1. if a command completes very fast after it has been started while the
interrupt handling is still running for that port, the driver
clears any pending interrupt on interrupt routine exit for the port.
This may clear the next pending interrupt, if it is already present.
2. if a bio-command runs into timeout, the completion routine does not
check for the timeout condition and the failed transfer never gets
to the ata-routines. (the code in the atapi-completion routine is
broken too.)
The cause for the first problem is a general error in the interrupt
code. You may never get some interrupt conditions, process them and
clear it (or all interrupts as done by the driver) later.
The driver must clear the interrupt conditions that it is gooing to
process immidiatly after determining the set of conditions and before it
starts processing of the conditions. Otherwise there is a risk of
loosing some conditions.
The patch below will correct this behavior. The automatic clear of the
completion interrupt by reading the slot-status is disabled
for security reasons by the patch. It makes no longer sence to use it
anymore and makes debugging of the driver very hard ...
The cause for the second problem is just a missing check in the routine
for the timeout condition.
The patch below will correct this in siisata_bio_complete().
The siisata_atapi_complete() routine has been corrected too. But the
patch will not change the processing order (timeout versus interrupt),
because I'm not shure if this is just another error in the driver or if
there is a special reason why the interrupts for atapi devices are
not cleared if a command has timed out. Someone else should have a look
at this, because I think the current version of the atapi completion
routine is incorrect! At least it is inconsistent to the command and
bio completion routines.
While debugging the driver I've seen another programming error, that
will not influence the operation as long as there is only one CPU
nodifiying the status register at the time. Ths Stealvine chip has a
Bit-set (PCS) and Bit-clear (PCC) semantic for the port configuration register.

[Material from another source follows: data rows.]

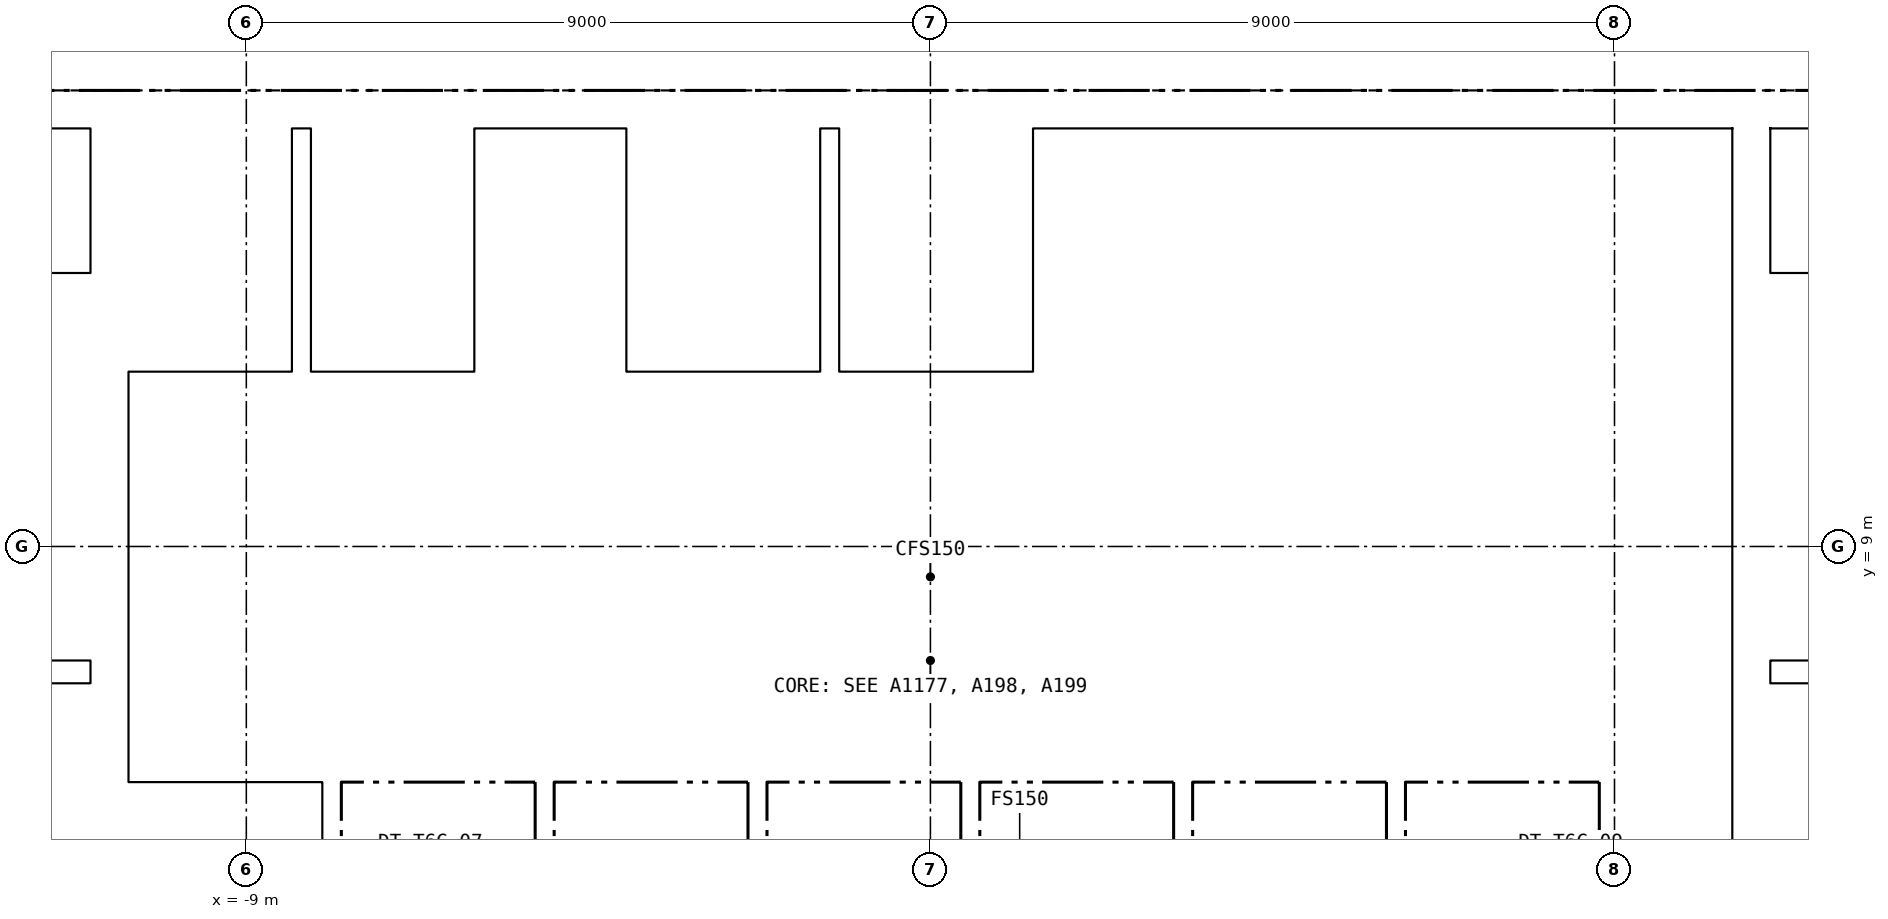
"""IFC4 building model, lengths in metres.
Left out: names, types, materials, properties, quantities, classifications, styles, units other than length and angle.
Written with IfcOpenShell. Run it as: python <this file> out.ifc"""

import sys

from ifc_helpers import new_model, si_unit, direction, frame, frame_2d, origin, place, context, subcontext, project, spatial, rectangle, extrude, element, fill, save


model = new_model("IFC4")
c1 = context("Model", 3, precision=1e-05, world=origin(), true_north=direction((0.0, 1.0)))
c2 = subcontext(c1, "Body", "Model", "MODEL_VIEW")
j1 = project(units=[si_unit("LENGTHUNIT", "METRE"), si_unit("PLANEANGLEUNIT", "RADIAN")], contexts=[c1])
p1 = place(None, origin())
s1 = spatial("IfcSite", under=j1, at=p1, CompositionType="ELEMENT")
p2 = place(p1, origin())
s2 = spatial("IfcBuilding", under=s1, at=p2, CompositionType="ELEMENT")
p3 = place(p2, frame((0.0, 0.0, 282.85)))
s3 = spatial("IfcBuildingStorey", under=s2, at=p3, CompositionType="ELEMENT", Elevation=282.85)
p4 = place(p3, frame((-15.0, 14.75, -0.15), z_axis=(0.0, 0.0, 1.0), x_axis=(1.0, 0.0, 0.0)))
e1 = element("IfcWall", 1, at=p4, inside=s3, PredefinedType="SOLIDWALL", context=c2, shape_type="SweptSolid", body=[
    extrude(rectangle(XDim=30.0, YDim=0.5, at=frame_2d((15.0, 0.0))), origin(), (0.0, 0.0, 1.0), 3.65),
])
p5 = place(p4, frame((9.25, 0.0, 0.15)))
e2 = element("IfcOpeningElement", 2, at=p5, cuts=e1, PredefinedType="OPENING", context=c2, shape_type="SweptSolid", body=[
    extrude(rectangle(XDim=1.5, YDim=2.1, at=frame_2d((0.75, 1.05))), frame((0.0, 0.26, 0.0), z_axis=(0.0, -1.0, 0.0), x_axis=(1.0, 0.0, 0.0)), (0.0, 0.0, 1.0), 0.52),
])
p6 = place(p4, frame((19.4, 0.0, 0.15)))
e3 = element("IfcOpeningElement", 3, at=p6, cuts=e1, PredefinedType="OPENING", context=c2, shape_type="SweptSolid", body=[
    extrude(rectangle(XDim=1.5, YDim=2.1, at=frame_2d((0.75, 1.05))), frame((0.0, 0.26, 0.0), z_axis=(0.0, -1.0, 0.0), x_axis=(1.0, 0.0, 0.0)), (0.0, 0.0, 1.0), 0.52),
])
p7 = place(p4, frame((1.5, 0.0, 0.15)))
e4 = element("IfcOpeningElement", 4, at=p7, cuts=e1, PredefinedType="OPENING", context=c2, shape_type="SweptSolid", body=[
    extrude(rectangle(XDim=1.2, YDim=2.1, at=frame_2d((0.6, 1.05))), frame((0.0, 0.26, 0.0), z_axis=(0.0, -1.0, 0.0), x_axis=(1.0, 0.0, 0.0)), (0.0, 0.0, 1.0), 0.52),
])
p8 = place(p4, frame((27.3, 0.0, 0.15)))
e5 = element("IfcOpeningElement", 5, at=p8, cuts=e1, PredefinedType="OPENING", context=c2, shape_type="SweptSolid", body=[
    extrude(rectangle(XDim=1.2, YDim=2.1, at=frame_2d((0.6, 1.05))), frame((0.0, 0.26, 0.0), z_axis=(0.0, -1.0, 0.0), x_axis=(1.0, 0.0, 0.0)), (0.0, 0.0, 1.0), 0.52),
])
for number, where, z_axis, x_axis in (
    (6, (-10.8, 0.5, -0.15), (0.0, 0.0, 1.0), (0.0, 1.0, 0.0)),
    (7, (10.8, 0.5, -0.15), (0.0, 0.0, 1.0), (0.0, 1.0, 0.0)),
):
    element("IfcWall", number, at=place(p3, frame(where, z_axis=z_axis, x_axis=x_axis)), inside=s3, PredefinedType="SOLIDWALL", context=c2, shape_type="SweptSolid", body=[
        extrude(rectangle(XDim=14.0, YDim=0.5, at=frame_2d((7.0, 0.0))), origin(), (0.0, 0.0, 1.0), 3.65),
    ])
p9 = place(p3, frame((-10.55, 6.025, 0.0), z_axis=(0.0, 0.0, 1.0), x_axis=(1.0, 0.0, 0.0)))
e8 = element("IfcWall", 8, at=p9, inside=s3, PredefinedType="PARTITIONING", context=c2, shape_type="SweptSolid", body=[
    extrude(rectangle(XDim=21.1, YDim=0.25, at=frame_2d((10.55, 0.0))), origin(), (0.0, 0.0, 1.0), 3.5),
])
p10 = place(p3, frame((-4.125, 8.55, 0.0), z_axis=(0.0, 0.0, 1.0), x_axis=(1.0, 0.0, 0.0)))
e9 = element("IfcWall", 9, at=p10, inside=s3, PredefinedType="PARTITIONING", context=c2, shape_type="SweptSolid", body=[
    extrude(rectangle(XDim=14.675, YDim=0.2, at=frame_2d((7.337, 0.0))), origin(), (0.0, 0.0, 1.0), 3.5),
])
p11 = place(p10, frame((1.413, 0.0, 0.0)))
e10 = element("IfcOpeningElement", 10, at=p11, cuts=e9, PredefinedType="OPENING", context=c2, shape_type="SweptSolid", body=[
    extrude(rectangle(XDim=1.0, YDim=2.1, at=frame_2d((0.5, 1.05))), frame((0.0, 0.11, 0.0), z_axis=(0.0, -1.0, 0.0), x_axis=(1.0, 0.0, 0.0)), (0.0, 0.0, 1.0), 0.22),
])
p12 = place(p10, frame((5.0, 0.0, 0.0)))
e11 = element("IfcOpeningElement", 11, at=p12, cuts=e9, PredefinedType="OPENING", context=c2, shape_type="SweptSolid", body=[
    extrude(rectangle(XDim=1.0, YDim=2.1, at=frame_2d((0.5, 1.05))), frame((0.0, 0.11, 0.0), z_axis=(0.0, -1.0, 0.0), x_axis=(1.0, 0.0, 0.0)), (0.0, 0.0, 1.0), 0.22),
])
p13 = place(p10, frame((9.613, 0.0, 0.0)))
e12 = element("IfcOpeningElement", 12, at=p13, cuts=e9, PredefinedType="OPENING", context=c2, shape_type="SweptSolid", body=[
    extrude(rectangle(XDim=1.0, YDim=2.1, at=frame_2d((0.5, 1.05))), frame((0.0, 0.11, 0.0), z_axis=(0.0, -1.0, 0.0), x_axis=(1.0, 0.0, 0.0)), (0.0, 0.0, 1.0), 0.22),
])
p14 = place(p10, frame((13.475, 0.0, 0.0)))
e13 = element("IfcOpeningElement", 13, at=p14, cuts=e9, PredefinedType="OPENING", context=c2, shape_type="SweptSolid", body=[
    extrude(rectangle(XDim=0.9, YDim=2.1, at=frame_2d((0.45, 1.05))), frame((0.0, 0.11, 0.0), z_axis=(0.0, -1.0, 0.0), x_axis=(1.0, 0.0, 0.0)), (0.0, 0.0, 1.0), 0.22),
])
p15 = place(p3, frame((-10.55, 11.2, 0.0), z_axis=(0.0, 0.0, 1.0), x_axis=(1.0, 0.0, 0.0)))
e14 = element("IfcWall", 14, at=p15, inside=s3, PredefinedType="PARTITIONING", context=c2, shape_type="SweptSolid", body=[
    extrude(rectangle(XDim=4.8, YDim=0.2, at=frame_2d((2.4, 0.0))), origin(), (0.0, 0.0, 1.0), 3.5),
])
p16 = place(p15, frame((0.525, 0.0, 0.0)))
e15 = element("IfcOpeningElement", 15, at=p16, cuts=e14, PredefinedType="OPENING", context=c2, shape_type="SweptSolid", body=[
    extrude(rectangle(XDim=1.1, YDim=2.1, at=frame_2d((0.55, 1.05))), frame((0.0, 0.11, 0.0), z_axis=(0.0, -1.0, 0.0), x_axis=(1.0, 0.0, 0.0)), (0.0, 0.0, 1.0), 0.22),
])
p17 = place(p15, frame((2.925, 0.0, 0.0)))
e16 = element("IfcOpeningElement", 16, at=p17, cuts=e14, PredefinedType="OPENING", context=c2, shape_type="SweptSolid", body=[
    extrude(rectangle(XDim=1.1, YDim=2.1, at=frame_2d((0.55, 1.05))), frame((0.0, 0.11, 0.0), z_axis=(0.0, -1.0, 0.0), x_axis=(1.0, 0.0, 0.0)), (0.0, 0.0, 1.0), 0.22),
])
p18 = place(p3, frame((-4.25, 11.2, 0.0), z_axis=(0.0, 0.0, 1.0), x_axis=(1.0, 0.0, 0.0)))
e17 = element("IfcWall", 17, at=p18, inside=s3, PredefinedType="PARTITIONING", context=c2, shape_type="SweptSolid", body=[
    extrude(rectangle(XDim=8.65, YDim=0.2, at=frame_2d((4.325, 0.0))), origin(), (0.0, 0.0, 1.0), 3.5),
])
p19 = place(p18, frame((0.825, 0.0, 0.0)))
e18 = element("IfcOpeningElement", 18, at=p19, cuts=e17, PredefinedType="OPENING", context=c2, shape_type="SweptSolid", body=[
    extrude(rectangle(XDim=1.4, YDim=2.1, at=frame_2d((0.7, 1.05))), frame((0.0, 0.11, 0.0), z_axis=(0.0, -1.0, 0.0), x_axis=(1.0, 0.0, 0.0)), (0.0, 0.0, 1.0), 0.22),
])
p20 = place(p18, frame((3.625, 0.0, 0.0)))
e19 = element("IfcOpeningElement", 19, at=p20, cuts=e17, PredefinedType="OPENING", context=c2, shape_type="SweptSolid", body=[
    extrude(rectangle(XDim=1.4, YDim=2.1, at=frame_2d((0.7, 1.05))), frame((0.0, 0.11, 0.0), z_axis=(0.0, -1.0, 0.0), x_axis=(1.0, 0.0, 0.0)), (0.0, 0.0, 1.0), 0.22),
])
p21 = place(p18, frame((6.675, 0.0, 0.0)))
e20 = element("IfcOpeningElement", 20, at=p21, cuts=e17, PredefinedType="OPENING", context=c2, shape_type="SweptSolid", body=[
    extrude(rectangle(XDim=0.9, YDim=2.1, at=frame_2d((0.45, 1.05))), frame((0.0, 0.11, 0.0), z_axis=(0.0, -1.0, 0.0), x_axis=(1.0, 0.0, 0.0)), (0.0, 0.0, 1.0), 0.22),
])
p22 = place(p3, frame((5.9, 11.2, 0.0), z_axis=(0.0, 0.0, 1.0), x_axis=(1.0, 0.0, 0.0)))
e21 = element("IfcWall", 21, at=p22, inside=s3, PredefinedType="PARTITIONING", context=c2, shape_type="SweptSolid", body=[
    extrude(rectangle(XDim=4.65, YDim=0.2, at=frame_2d((2.325, 0.0))), origin(), (0.0, 0.0, 1.0), 3.5),
])
p23 = place(p22, frame((1.025, 0.0, 0.0)))
e22 = element("IfcOpeningElement", 22, at=p23, cuts=e21, PredefinedType="OPENING", context=c2, shape_type="SweptSolid", body=[
    extrude(rectangle(XDim=1.0, YDim=2.1, at=frame_2d((0.5, 1.05))), frame((0.0, 0.11, 0.0), z_axis=(0.0, -1.0, 0.0), x_axis=(1.0, 0.0, 0.0)), (0.0, 0.0, 1.0), 0.22),
])
p24 = place(p22, frame((3.4, 0.0, 0.0)))
e23 = element("IfcOpeningElement", 23, at=p24, cuts=e21, PredefinedType="OPENING", context=c2, shape_type="SweptSolid", body=[
    extrude(rectangle(XDim=0.9, YDim=2.1, at=frame_2d((0.45, 1.05))), frame((0.0, 0.11, 0.0), z_axis=(0.0, -1.0, 0.0), x_axis=(1.0, 0.0, 0.0)), (0.0, 0.0, 1.0), 0.22),
])
p25 = place(p3, frame((-4.125, 6.15, 0.0), z_axis=(0.0, 0.0, 1.0), x_axis=(0.0, 1.0, 0.0)))
e24 = element("IfcWall", 24, at=p25, inside=s3, PredefinedType="PARTITIONING", context=c2, shape_type="SweptSolid", body=[
    extrude(rectangle(XDim=4.95, YDim=0.25, at=frame_2d((2.475, 0.0))), origin(), (0.0, 0.0, 1.0), 3.5),
])
p26 = place(p25, frame((3.125, 0.0, 0.0)))
e25 = element("IfcOpeningElement", 25, at=p26, cuts=e24, PredefinedType="OPENING", context=c2, shape_type="SweptSolid", body=[
    extrude(rectangle(XDim=1.2, YDim=2.1, at=frame_2d((0.6, 1.05))), frame((0.0, 0.135, 0.0), z_axis=(0.0, -1.0, 0.0), x_axis=(1.0, 0.0, 0.0)), (0.0, 0.0, 1.0), 0.27),
])
for number, where, z_axis, x_axis in (
    (26, (-7.875, 3.6, 0.0), (0.0, 0.0, 1.0), (0.0, 1.0, 0.0)),
    (27, (-5.075, 3.6, 0.0), (0.0, 0.0, 1.0), (0.0, 1.0, 0.0)),
    (28, (-2.275, 3.6, 0.0), (0.0, 0.0, 1.0), (0.0, 1.0, 0.0)),
    (29, (0.525, 3.6, 0.0), (0.0, 0.0, 1.0), (0.0, 1.0, 0.0)),
    (30, (3.325, 3.6, 0.0), (0.0, 0.0, 1.0), (0.0, 1.0, 0.0)),
    (31, (6.125, 3.6, 0.0), (0.0, 0.0, 1.0), (0.0, 1.0, 0.0)),
    (32, (8.925, 3.6, 0.0), (0.0, 0.0, 1.0), (0.0, 1.0, 0.0)),
):
    element("IfcWall", number, at=place(p3, frame(where, z_axis=z_axis, x_axis=x_axis)), inside=s3, PredefinedType="PARTITIONING", context=c2, shape_type="SweptSolid", body=[
        extrude(rectangle(XDim=2.3, YDim=0.25, at=frame_2d((1.15, 0.0))), origin(), (0.0, 0.0, 1.0), 3.5),
    ])
for number, where, z_axis, x_axis in (
    (33, (-0.35, 6.15, 0.0), (0.0, 0.0, 1.0), (0.0, 1.0, 0.0)),
    (34, (3.1, 6.15, 0.0), (0.0, 0.0, 1.0), (0.0, 1.0, 0.0)),
):
    element("IfcWall", number, at=place(p3, frame(where, z_axis=z_axis, x_axis=x_axis)), inside=s3, PredefinedType="PARTITIONING", context=c2, shape_type="SweptSolid", body=[
        extrude(rectangle(XDim=2.3, YDim=0.15, at=frame_2d((1.15, 0.0))), origin(), (0.0, 0.0, 1.0), 3.5),
    ])
p27 = place(p3, frame((8.925, 6.15, 0.0), z_axis=(0.0, 0.0, 1.0), x_axis=(0.0, 1.0, 0.0)))
e35 = element("IfcWall", 35, at=p27, inside=s3, PredefinedType="PARTITIONING", context=c2, shape_type="SweptSolid", body=[
    extrude(rectangle(XDim=2.3, YDim=0.25, at=frame_2d((1.15, 0.0))), origin(), (0.0, 0.0, 1.0), 3.5),
])
for number, where, z_axis, x_axis in (
    (36, (-8.275, 11.3, 0.0), (0.0, 0.0, 1.0), (0.0, 1.0, 0.0)),
    (37, (-5.875, 11.3, 0.0), (0.0, 0.0, 1.0), (0.0, 1.0, 0.0)),
    (38, (-4.125, 11.3, 0.0), (0.0, 0.0, 1.0), (0.0, 1.0, 0.0)),
    (39, (-1.325, 11.3, 0.0), (0.0, 0.0, 1.0), (0.0, 1.0, 0.0)),
    (40, (1.475, 11.3, 0.0), (0.0, 0.0, 1.0), (0.0, 1.0, 0.0)),
    (41, (4.275, 11.3, 0.0), (0.0, 0.0, 1.0), (0.0, 1.0, 0.0)),
    (42, (6.025, 11.3, 0.0), (0.0, 0.0, 1.0), (0.0, 1.0, 0.0)),
    (43, (8.825, 11.3, 0.0), (0.0, 0.0, 1.0), (0.0, 1.0, 0.0)),
):
    element("IfcWall", number, at=place(p3, frame(where, z_axis=z_axis, x_axis=x_axis)), inside=s3, PredefinedType="PARTITIONING", context=c2, shape_type="SweptSolid", body=[
        extrude(rectangle(XDim=3.2, YDim=0.25, at=frame_2d((1.6, 0.0))), origin(), (0.0, 0.0, 1.0), 3.5),
    ])
for number, where, z_axis, x_axis in (
    (44, (-14.0, 7.35, 0.0), (0.0, 0.0, 1.0), (1.0, 0.0, 0.0)),
    (45, (11.05, 7.35, 0.0), (0.0, 0.0, 1.0), (1.0, 0.0, 0.0)),
):
    element("IfcWall", number, at=place(p3, frame(where, z_axis=z_axis, x_axis=x_axis)), inside=s3, PredefinedType="SOLIDWALL", context=c2, shape_type="SweptSolid", body=[
        extrude(rectangle(XDim=2.95, YDim=0.3, at=frame_2d((1.475, 0.0))), origin(), (0.0, 0.0, 1.0), 3.5),
    ])
p28 = place(p26, origin())
e46 = element("IfcDoor", 46, at=p28, inside=s3, OperationType="SINGLE_SWING_LEFT", PredefinedType="DOOR", context=c2, shape_type="SweptSolid", body=[
    extrude(rectangle(XDim=1.2, YDim=2.1, at=frame_2d((0.6, 1.05))), frame((0.0, 0.025, 0.0), z_axis=(0.0, -1.0, 0.0), x_axis=(1.0, 0.0, 0.0)), (0.0, 0.0, 1.0), 0.05),
])
fill(e25, e46)
p29 = place(p11, origin())
e47 = element("IfcDoor", 47, at=p29, inside=s3, OperationType="SINGLE_SWING_LEFT", PredefinedType="DOOR", context=c2, shape_type="SweptSolid", body=[
    extrude(rectangle(XDim=1.0, YDim=2.1, at=frame_2d((0.5, 1.05))), frame((0.0, 0.025, 0.0), z_axis=(0.0, -1.0, 0.0), x_axis=(1.0, 0.0, 0.0)), (0.0, 0.0, 1.0), 0.05),
])
fill(e10, e47)
p30 = place(p12, origin())
e48 = element("IfcDoor", 48, at=p30, inside=s3, OperationType="SINGLE_SWING_RIGHT", PredefinedType="DOOR", context=c2, shape_type="SweptSolid", body=[
    extrude(rectangle(XDim=1.0, YDim=2.1, at=frame_2d((0.5, 1.05))), frame((0.0, 0.025, 0.0), z_axis=(0.0, -1.0, 0.0), x_axis=(1.0, 0.0, 0.0)), (0.0, 0.0, 1.0), 0.05),
])
fill(e11, e48)
p31 = place(p13, origin())
e49 = element("IfcDoor", 49, at=p31, inside=s3, OperationType="SINGLE_SWING_LEFT", PredefinedType="DOOR", context=c2, shape_type="SweptSolid", body=[
    extrude(rectangle(XDim=1.0, YDim=2.1, at=frame_2d((0.5, 1.05))), frame((0.0, 0.025, 0.0), z_axis=(0.0, -1.0, 0.0), x_axis=(1.0, 0.0, 0.0)), (0.0, 0.0, 1.0), 0.05),
])
fill(e12, e49)
p32 = place(p14, origin())
e50 = element("IfcDoor", 50, at=p32, inside=s3, OperationType="SINGLE_SWING_RIGHT", PredefinedType="DOOR", context=c2, shape_type="SweptSolid", body=[
    extrude(rectangle(XDim=0.9, YDim=2.1, at=frame_2d((0.45, 1.05))), frame((0.0, 0.025, 0.0), z_axis=(0.0, -1.0, 0.0), x_axis=(1.0, 0.0, 0.0)), (0.0, 0.0, 1.0), 0.05),
])
fill(e13, e50)
p33 = place(p16, origin())
e51 = element("IfcDoor", 51, at=p33, inside=s3, OperationType="DOUBLE_DOOR_SLIDING", PredefinedType="DOOR", context=c2, shape_type="SweptSolid", body=[
    extrude(rectangle(XDim=1.1, YDim=2.1, at=frame_2d((0.55, 1.05))), frame((0.0, 0.025, 0.0), z_axis=(0.0, -1.0, 0.0), x_axis=(1.0, 0.0, 0.0)), (0.0, 0.0, 1.0), 0.05),
])
fill(e15, e51)
p34 = place(p17, origin())
e52 = element("IfcDoor", 52, at=p34, inside=s3, OperationType="DOUBLE_DOOR_SLIDING", PredefinedType="DOOR", context=c2, shape_type="SweptSolid", body=[
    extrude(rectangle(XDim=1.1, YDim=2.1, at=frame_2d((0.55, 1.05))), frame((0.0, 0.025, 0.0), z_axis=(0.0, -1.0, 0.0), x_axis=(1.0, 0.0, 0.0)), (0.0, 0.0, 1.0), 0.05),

So it makes no sence - or may lead to unexpected results if another CPU
is just clearing a bit - to read the old status, add some bits and
then write the result into the bit-Set-register.
The way that should be used is just to write the bits that should be
set now to the PCS register (or PCC when clearing a bit).
There is an own definition for the read-mode of the port status "PS"in
the headerfile. That should be used in all read operations and not
the PCS definition.
The patch below will fix this too.
With this patch, the drivers runs stable on our systems without locking
up anymore.
remark:
We have only ata devices connected - so the atapi code does not run and
we have never seen any real error of the drives up to now.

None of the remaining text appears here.